I have a simple program that is supposed to either do its thing or, given the correct arguments, return a flag so that the parent process (a much, much more complex and advanced program...) can decide whether this process (called a cell) is safe to run, or if it's been flagged as unsafe because a proprietary virus (part of this complex process) has infected this cell and marked it with the flag 0xBADF. Btw, I say virus because precisely what it does is act as a lytic or lysogenic process which either infects a "cell," giving it the flag that says the cell could be harmful/shouldn't be loaded or executed, or injects a copy of itself into a cell process so that the cell process could itself become one of these cell checker viruses.
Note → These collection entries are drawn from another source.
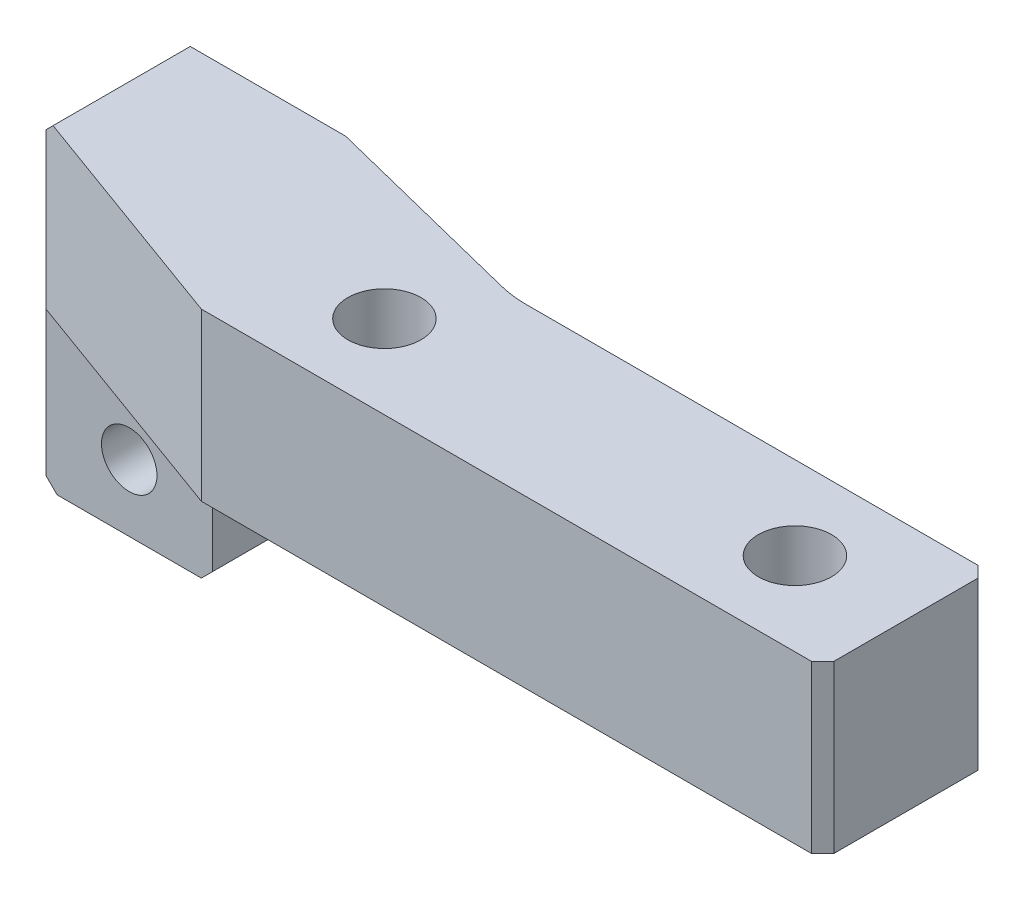
SolidWorks part; units mm, degrees
material "45#"
ref_plane "前基準面" through (0, 0, 0) normal (0, 0, 1) x (1, 0, 0)
ref_plane "上基準面" through (0, 0, 0) normal (0, 1, 0) x (1, 0, 0)
ref_plane "右基準面" through (0, 0, 0) normal (1, 0, 0) x (0, 0, -1)
sketch "草图1" plane through (0, 0, 0) normal (0, 1, 0) x (1, 0, 0)
  line L1 (-39, -7.5) -> (39, -7.5)
  line L2 (-39, -7.5) -> (-39, 7.5)
  line L3 (-39, 7.5) -> (39, 7.5)
  line L4 (39, -7.5) -> (39, 7.5)
  line L5 (-39, -7.5) -> (39, 7.5) construction
  line L6 (-39, 7.5) -> (39, -7.5) construction
  point P0 (0, 0)
  dimension "D1" = 78
  dimension "D2" = 15
extrude "凸台-拉伸1" add sketch "草图1" along normal mid plane 15
sketch "草图3" plane through (0, -7.5, 0) normal (0, 1, 0) x (1, 0, 0)
  line L0 (39, -7.5) -> (39, 7.5) construction
  point P0 (29, 0)
  point P2 (-8, 0)
  dimension "D1" = 37
  dimension "D2" = 10
hole_wizard "M6 六角圆柱头螺钉的柱形沉头孔1" positions "草图3" profile "草图4" counterbore size "M6" standard "GB" end condition through all
sketch "草图4" plane through (29, -7.5, 0) normal (1, 0, 0) x (0, 0, -1)
  line L0 (0, 0) -> (0, 15)
  line L1 (0, 15) -> (3.3, 15)
  line L3 (3.3, 15) -> (3.3, 6.8)
  line L4 (3.3, 6.8) -> (5.5, 6.8)
  line L5 (5.5, 6.8) -> (5.5, 0)
  line L7 (5.5, 0) -> (0, 0)
  line L11 (0, -6.35) -> (0, 107.95) construction
  dimension "通孔孔直径" = 6.6
  dimension "通孔孔深度" = 15
  dimension "柱形沉头孔直径" = 11
  dimension "柱形沉头孔深度" = 6.8
sketch "草图8" plane through (0, 7.5, 0) normal (0, 1, 0) x (1, 0, 0)
  line L0 (-8, 0) -> (29, 0) construction
  line L2 (-24, 12.5) -> (-39, 12.5)
  line L3 (-39, 12.5) -> (-39, 7.5)
  line L4 (-39, 7.5) -> (-4, 7.5)
  line L5 (10.5, 0) -> (10.5, 27.5008) construction
  line L6 (39, 7.5) -> (-39, 7.5) construction
  line L7 (-4, 7.5) -> (-24, 12.5)
  line L8 (-39, -7.5) -> (39, -7.5) construction
  dimension "D2" = 15
  dimension "D1" = 35
  dimension "D3" = 20
extrude "凸台-拉伸3" add sketch "草图8" against normal up to surface (15 mm away) up to face at (29, -7.5, -5.5)
sketch "草图2" plane through (0, -7.5, 0) normal (0, 1, 0) x (1, 0, 0)
  line L1 (-39, 12.5) -> (-24, 12.5)
  line L2 (-39, 12.5) -> (-39, 0.5)
  line L3 (-39, 0.5) -> (-24, 0.5)
  line L4 (-24, 12.5) -> (-24, 0.5)
  line L5 (-39, 12.5) -> (-39, -7.5) construction
  line L6 (-24, 12.5) -> (-39, 12.5) construction
  dimension "D1" = 15
  dimension "D2" = 12
extrude "凸台-拉伸2" add sketch "草图2" against normal blind 14
sketch "草图5" plane through (-28.5, 0, -0.5) normal (0, 0, 1) x (1, 0, 0)
  line L2 (-3, -21.5) -> (-3, 18.3388) construction
  line L5 (-10.5, -21.5) -> (4.5, -21.5) construction
  point P0 (-3, -15.5)
  dimension "D1" = 6
hole_wizard "M6 螺纹孔1" positions "草图5" profile "草图6" tap size "M6" standard "GB" end condition through all
sketch "草图6" plane through (-31.5, -15.5, -0.5) normal (1, 0, 0) x (0, -1, 0)
  line L0 (0, 0) -> (0, 12)
  line L1 (0, 12) -> (2.5, 12)
  line L2 (2.5, 12) -> (2.5, 0)
  line L5 (2.5, 0) -> (0, 0)
  line L11 (0, -6.35) -> (0, 107.95) construction
  dimension "通孔螺纹孔钻头直径" = 5
  dimension "通孔螺纹孔钻头深度" = 12
cosmetic thread "孔螺纹线1" parameters "D2"=6
sketch "草图9" plane through (0, -21.5, 0) normal (0, -1, 0) x (-1, 0, 0)
  line L0 (39, -7.5) -> (-39, -7.5) construction
  line L2 (39, 0.5) -> (39, -7.5)
  line L3 (39, -7.5) -> (17, -7.5)
  line L6 (39, 0.5) -> (17, -7.5)
  line L7 (39, -7.5) -> (-39, -7.5) construction
  dimension "D1" = 22
extrude "切除-拉伸1" cut sketch "草图9" against normal through all
chamfer "倒角1" distance 1 angle 45 5 edges at (39, 0, -7.5) (39, 0, 7.5) (-39, -21.5, -6.5) (-24, -21.5, -6.5) (-39, 7.5, -6.5)
fillet "圆角2" radius 10 1 edges at (-4, 0, -7.5)

It's confusing, but I assure you that it does not even work without this framework I've developed. Anyway, my test cell file that I want to try to change the flag on won't even correctly work anyway.
The source is:
Code:
C
/*
* cf1.c
* cell flag to test labeling for use in VAIS and other NOXIS classes
*/
#include<stdio.h>
int main(int argc, char** argv){
if(argv[1] == "?"){
if(argv[2] == "CELL_FLAG"){
return 0x5afe; // 5AFE is safe
}
}else{
printf("The default CELL_FLAG for this cell is 0x5AFE.\n");
return 0;
}
}
The command line is:
Code:
$ gcc -o cf1 cf1.c
$ ./cf1 ? CELL_FLAG
The process should return 0x5AFE, as denoted by the mac os x (I don't know if other unix systems use $?).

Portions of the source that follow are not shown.